Workers Comp Damage Control

Avoid turning workers compensation claims into bad faith lawsuits
by Robert Vaught

Arizona’s workers compensation system helps employees who are injured on the job receive necessary medical care and treatment. Injured workers’ claims are processed through the Arizona Industrial Commission. The ICA not only processes claims, but also resolves legal disputes that may arise concerning issues of compensability, continuing benefits, loss of earning capacity and others.

During this process, injured workers might allege that insurance carriers, adjusters or employers have handled their claims in bad faith. These claims can take many forms, but typically involve allegations that a claim was either denied without reasonable basis, or that it was accepted but subsequent benefits were unreasonably delayed or denied. In many states, these bad faith claims must be resolved exclusively within the administrative agency tasked with processing workers’ compensation claims. Employees cannot file separate lawsuits in state or federal court.

Arizona is not one of those states.

In Arizona, workers can bring separate “bad faith” lawsuits against carriers, third-party administrators, employers and the individual adjusters responsible for investigating their workers compensation claims. Workers can file these lawsuits at any time during the life of a claim, and the lawsuits can continue even after the underlying claim is resolved. In addition, the type and amount of monetary damages available in bad faith lawsuits can far exceed policy limits, and can include statutory penalties, interest, attorneys’ fees, emotional distress and punitive damages. Jury verdicts can reach into the tens of millions of dollars.

In Arizona, bad faith can occur when an insurer (or self-insured employer) intentionally denies or fails to administer a workers compensation claim without a reasonable basis. What is reasonable can depend on the circumstances. Many cases contain allegations that the insurer failed to properly investigate the claim. This can involve everything from not interviewing relevant witnesses to not timely requesting or reviewing medical records to denying or delaying scheduled treatment to unreasonably late payment of benefits.

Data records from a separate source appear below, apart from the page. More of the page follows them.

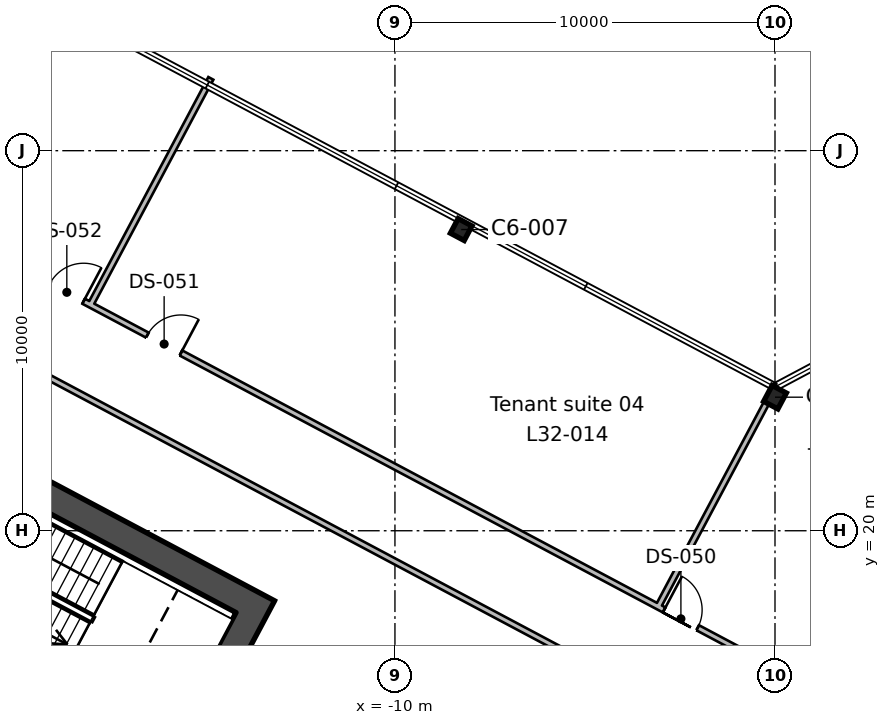
"""IFC4 building model, lengths in metres.
Left out: names, types, materials, properties, quantities, classifications, styles, units other than length and angle.
Written with IfcOpenShell. Run it as: python <this file> out.ifc"""

import sys

from ifc_helpers import new_model, si_unit, direction, frame, frame_2d, origin, origin_2d, place, context, subcontext, project, spatial, rectangle, i_section, extrude, element, fill, save


model = new_model("IFC4")
c1 = context("Model", 3, precision=1e-05, world=origin(), true_north=direction((0.0, 1.0)))
c2 = subcontext(c1, "Body", "Model", "MODEL_VIEW")
j1 = project(units=[si_unit("LENGTHUNIT", "METRE"), si_unit("PLANEANGLEUNIT", "RADIAN")], contexts=[c1])
p1 = place(None, origin())
s1 = spatial("IfcSite", under=j1, at=p1, CompositionType="ELEMENT")
p2 = place(p1, origin())
s2 = spatial("IfcBuilding", under=s1, at=p2, CompositionType="ELEMENT")
p3 = place(p2, frame((0.0, 0.0, 154.2)))
s3 = spatial("IfcBuildingStorey", under=s2, at=p3, CompositionType="ELEMENT", Elevation=154.2)
p4 = place(p3, frame((0.0, 23.514, 0.0), z_axis=(0.0, 0.0, 1.0), x_axis=(-0.882947592859, 0.469471562786, 0.0)))
e1 = element("IfcColumn", 1, at=p4, inside=s3, PredefinedType="COLUMN", context=c2, shape_type="SweptSolid", body=[
    extrude(i_section(OverallWidth=0.424, OverallDepth=0.475, WebThickness=0.048, FlangeThickness=0.077, FilletRadius=0.015, at=origin_2d()), origin(), (0.0, 0.0, 1.0), 4.0),
])
p5 = place(p3, frame((-8.257, 27.925, 0.0), z_axis=(0.0, 0.0, 1.0), x_axis=(-0.882947592859, 0.469471562786, 0.0)))
e2 = element("IfcColumn", 2, at=p5, inside=s3, PredefinedType="COLUMN", context=c2, shape_type="SweptSolid", body=[
    extrude(i_section(OverallWidth=0.412, OverallDepth=0.434, WebThickness=0.036, FlangeThickness=0.057, FilletRadius=0.015, at=origin_2d()), origin(), (0.0, 0.0, 1.0), 4.0),
])
p6 = place(p3, frame((-13.498, 18.333, 0.0), z_axis=(0.0, 0.0, 1.0), x_axis=(-0.469469918705, -0.88294846703, 0.0)))
e3 = element("IfcWall", 3, at=p6, inside=s3, PredefinedType="SHEAR", context=c2, shape_type="SweptSolid", body=[
    extrude(rectangle(XDim=19.7, YDim=0.75, at=frame_2d((9.85, 0.0))), origin(), (0.0, 0.0, 1.0), 4.0),
])
p7 = place(p6, frame((6.85, 0.0, 0.0)))
e4 = element("IfcOpeningElement", 4, at=p7, cuts=e3, PredefinedType="OPENING", context=c2, shape_type="SweptSolid", body=[
    extrude(rectangle(XDim=2.4, YDim=2.4, at=frame_2d((1.2, 1.2))), frame((0.0, 0.385, 0.0), z_axis=(0.0, -1.0, 0.0), x_axis=(1.0, 0.0, 0.0)), (0.0, 0.0, 1.0), 0.77),
])
p8 = place(p3, frame((-14.005, 18.178, 0.0), z_axis=(0.0, 0.0, 1.0), x_axis=(-0.88295010195, 0.469466843842, 0.0)))
e5 = element("IfcWall", 5, at=p8, inside=s3, PredefinedType="SHEAR", context=c2, shape_type="SweptSolid", body=[
    extrude(rectangle(XDim=20.2, YDim=0.75, at=frame_2d((10.1, 0.0))), origin(), (0.0, 0.0, 1.0), 4.0),
])
p9 = place(p3, frame((-15.942, 14.536, 0.0), z_axis=(0.0, 0.0, 1.0), x_axis=(-0.882946947542, 0.469472776449, 0.0)))
e6 = element("IfcWall", 6, at=p9, inside=s3, PredefinedType="SHEAR", context=c2, shape_type="SweptSolid", body=[
    extrude(rectangle(XDim=8.0, YDim=0.2, at=frame_2d((4.0, 0.0))), origin(), (0.0, 0.0, 1.0), 4.0),
])
p10 = place(p3, frame((-16.529, 13.432, 0.0), z_axis=(0.0, 0.0, 1.0), x_axis=(-0.88295287151, 0.469461634952, 0.0)))
e7 = element("IfcWall", 7, at=p10, inside=s3, PredefinedType="SHEAR", context=c2, shape_type="SweptSolid", body=[
    extrude(rectangle(XDim=8.0, YDim=0.2, at=frame_2d((4.0, 0.0))), origin(), (0.0, 0.0, 1.0), 4.0),
])
p11 = place(p3, frame((-32.964, 31.402, 0.0), z_axis=(0.0, 0.0, 1.0), x_axis=(0.88293807027, -0.469489471733, 0.0)))
e8 = element("IfcWall", 8, at=p11, inside=s3, PredefinedType="PARTITIONING", context=c2, shape_type="SweptSolid", body=[
    extrude(rectangle(XDim=34.425, YDim=0.15, at=frame_2d((17.212, 0.0))), origin(), (0.0, 0.0, 1.0), 3.64),
])
p12 = place(p3, frame((-32.187, 33.48, 0.0), z_axis=(0.0, 0.0, 1.0), x_axis=(0.88294900327, -0.469468910179, 0.0)))
e9 = element("IfcWall", 9, at=p12, inside=s3, PredefinedType="PARTITIONING", context=c2, shape_type="SweptSolid", body=[
    extrude(rectangle(XDim=36.454, YDim=0.15, at=frame_2d((18.227, 0.0))), origin(), (0.0, 0.0, 1.0), 3.64),
])
p13 = place(p12, frame((33.15, 0.0, 0.0)))
e10 = element("IfcOpeningElement", 10, at=p13, cuts=e9, PredefinedType="OPENING", context=c2, shape_type="SweptSolid", body=[
    extrude(rectangle(XDim=1.0, YDim=2.1, at=frame_2d((0.5, 1.05))), frame((0.0, 0.085, 0.0), z_axis=(0.0, -1.0, 0.0), x_axis=(1.0, 0.0, 0.0)), (0.0, 0.0, 1.0), 0.17),
])
p14 = place(p12, frame((17.75, 0.0, 0.0)))
e11 = element("IfcOpeningElement", 11, at=p14, cuts=e9, PredefinedType="OPENING", context=c2, shape_type="SweptSolid", body=[
    extrude(rectangle(XDim=1.0, YDim=2.1, at=frame_2d((0.5, 1.05))), frame((0.0, 0.085, 0.0), z_axis=(0.0, -1.0, 0.0), x_axis=(1.0, 0.0, 0.0)), (0.0, 0.0, 1.0), 0.17),
])
p15 = place(p12, frame((14.85, 0.0, 0.0)))
e12 = element("IfcOpeningElement", 12, at=p15, cuts=e9, PredefinedType="OPENING", context=c2, shape_type="SweptSolid", body=[
    extrude(rectangle(XDim=1.0, YDim=2.1, at=frame_2d((0.5, 1.05))), frame((0.0, 0.085, 0.0), z_axis=(0.0, -1.0, 0.0), x_axis=(1.0, 0.0, 0.0)), (0.0, 0.0, 1.0), 0.17),
])
p16 = place(p12, frame((3.55, 0.0, 0.0)))
e13 = element("IfcOpeningElement", 13, at=p16, cuts=e9, PredefinedType="OPENING", context=c2, shape_type="SweptSolid", body=[
    extrude(rectangle(XDim=1.0, YDim=2.1, at=frame_2d((0.5, 1.05))), frame((0.0, 0.085, 0.0), z_axis=(0.0, -1.0, 0.0), x_axis=(1.0, 0.0, 0.0)), (0.0, 0.0, 1.0), 0.17),
])
p17 = place(p3, frame((0.0, 16.366, 0.0), z_axis=(0.0, 0.0, 1.0), x_axis=(0.882949964187, 0.469467102939, 0.0)))
e14 = element("IfcWall", 14, at=p17, inside=s3, PredefinedType="PARTITIONING", context=c2, shape_type="SweptSolid", body=[
    extrude(rectangle(XDim=18.542, YDim=0.15, at=frame_2d((9.271, 0.0))), origin(), (0.0, 0.0, 1.0), 3.64),
])
p18 = place(p3, frame((-14.844, 31.903, 0.0), z_axis=(0.0, 0.0, 1.0), x_axis=(-0.469356207225, -0.883008918833, 0.0)))
e15 = element("IfcWall", 15, at=p18, inside=s3, PredefinedType="PARTITIONING", context=c2, shape_type="SweptSolid", body=[
    extrude(rectangle(XDim=6.75, YDim=0.15, at=frame_2d((3.375, 0.0))), origin(), (0.0, 0.0, 1.0), 3.64),
])
p19 = place(p3, frame((-0.224, 23.364, 0.0), z_axis=(0.0, 0.0, 1.0), x_axis=(-0.46937563441, -0.882998592197, 0.0)))
e16 = element("IfcWall", 16, at=p19, inside=s3, PredefinedType="PARTITIONING", context=c2, shape_type="SweptSolid", body=[
    extrude(rectangle(XDim=6.074, YDim=0.15, at=frame_2d((3.037, 0.0))), origin(), (0.0, 0.0, 1.0), 3.64),
])
p20 = place(p3, frame((0.0, 13.874, 0.0), z_axis=(0.0, 0.0, 1.0), x_axis=(0.882942852858, 0.469480477322, 0.0)))
e17 = element("IfcWall", 17, at=p20, inside=s3, PredefinedType="PARTITIONING", context=c2, shape_type="SweptSolid", body=[
    extrude(rectangle(XDim=40.737, YDim=0.15, at=frame_2d((20.368, 0.0))), origin(), (0.0, 0.0, 1.0), 3.64),
])
p21 = place(p20, frame((5.45, 0.0, 0.0)))
e18 = element("IfcOpeningElement", 18, at=p21, cuts=e17, PredefinedType="OPENING", context=c2, shape_type="SweptSolid", body=[
    extrude(rectangle(XDim=1.8, YDim=2.1, at=frame_2d((0.9, 1.05))), frame((0.0, 0.085, 0.0), z_axis=(0.0, -1.0, 0.0), x_axis=(1.0, 0.0, 0.0)), (0.0, 0.0, 1.0), 0.17),
])
p22 = place(p13, origin())
e19 = element("IfcDoor", 19, at=p22, inside=s3, OperationType="SINGLE_SWING_LEFT", PredefinedType="DOOR", context=c2, shape_type="SweptSolid", body=[
    extrude(rectangle(XDim=1.0, YDim=2.1, at=frame_2d((0.5, 1.05))), frame((0.0, 0.025, 0.0), z_axis=(0.0, -1.0, 0.0), x_axis=(1.0, 0.0, 0.0)), (0.0, 0.0, 1.0), 0.05),
])
fill(e10, e19)
p23 = place(p14, origin())
e20 = element("IfcDoor", 20, at=p23, inside=s3, OperationType="SINGLE_SWING_RIGHT", PredefinedType="DOOR", context=c2, shape_type="SweptSolid", body=[
    extrude(rectangle(XDim=1.0, YDim=2.1, at=frame_2d((0.5, 1.05))), frame((0.0, 0.025, 0.0), z_axis=(0.0, -1.0, 0.0), x_axis=(1.0, 0.0, 0.0)), (0.0, 0.0, 1.0), 0.05),
])
fill(e11, e20)
p24 = place(p15, origin())
e21 = element("IfcDoor", 21, at=p24, inside=s3, OperationType="SINGLE_SWING_RIGHT", PredefinedType="DOOR", context=c2, shape_type="SweptSolid", body=[
    extrude(rectangle(XDim=1.0, YDim=2.1, at=frame_2d((0.5, 1.05))), frame((0.0, 0.025, 0.0), z_axis=(0.0, -1.0, 0.0), x_axis=(1.0, 0.0, 0.0)), (0.0, 0.0, 1.0), 0.05),
])
fill(e12, e21)
save(model, sys.argv[1])

Even those employers who are not self-insured can be held liable for bad faith under an “aiding and abetting” theory. Workers claim their employers, though not directly responsible for administering or paying benefits, know the insurers are acting unreasonably, and assist in that unreasonable conduct by downplaying or dismissing the initial injury report, sending false or inaccurate information to the insurer, or by otherwise not cooperating in the investigation.

Given the significant potential liability for bad faith, what can be done to minimize risk?

First, employers should conduct a thorough and timely investigation. Denying a workers compensation claim is not, in and of itself, bad faith. But failing to conduct a reasonable investigation, or denying a claim without reasonable justification, can be. Adjusters should gather all the information needed to effectively and fairly evaluate the claim. This means timely identifying and interviewing witnesses, gathering and reviewing medical records and following necessary leads. Adjusters should be prompt and courteous in their communications with injured workers and keep them reasonably informed of significant developments in the claim. To that end, adjusters should work diligently to overcome language barriers that may exist.

Second, employers need to understand that documentation is critical. Potential defendants must do more than simply act reasonably in their handling of a workers compensation claim — they must be able to prove they acted reasonably. The adjuster’s claim file is one of the first things that will be turned over to plaintiff’s counsel during litigation. The file should clearly document what steps were taken as part of the investigation, and when. For example, dates and summaries of conversations with the injured worker, witnesses and medical providers should be recorded. Documents in the file should be date stamped when received.

Third, if a carrier opts to deny coverage for the specific claim, comments in the claim file should be consistent with investigation results and the ultimate decision to deny. Clearly state all reasons the claim is being denied, citing policy language if possible. The level of detail will vary depending on the circumstance, but the denial and supporting documentation in the file should be as specific as practicable.

Although it may not always be possible to avoid bad faith litigation, knowing that these claims exist, and taking reasonable steps to investigate and manage a claim, are important first steps in minimizing potential liability.

Robert Vaught is a partner in Quarles & Brady’s Labor & Employment Practice Group. He regularly counsels human resources and risk management personnel regarding Title VII, ADEA, FMLA, ADA, OSHA, wage and hour matters, hiring and discipline issues and wrongful discharge and bad faith complaints, and represents employers in related proceedings in state and federal courts, and before the Equal Employment Opportunity Commission, Department of Labor, and state administrative agencies.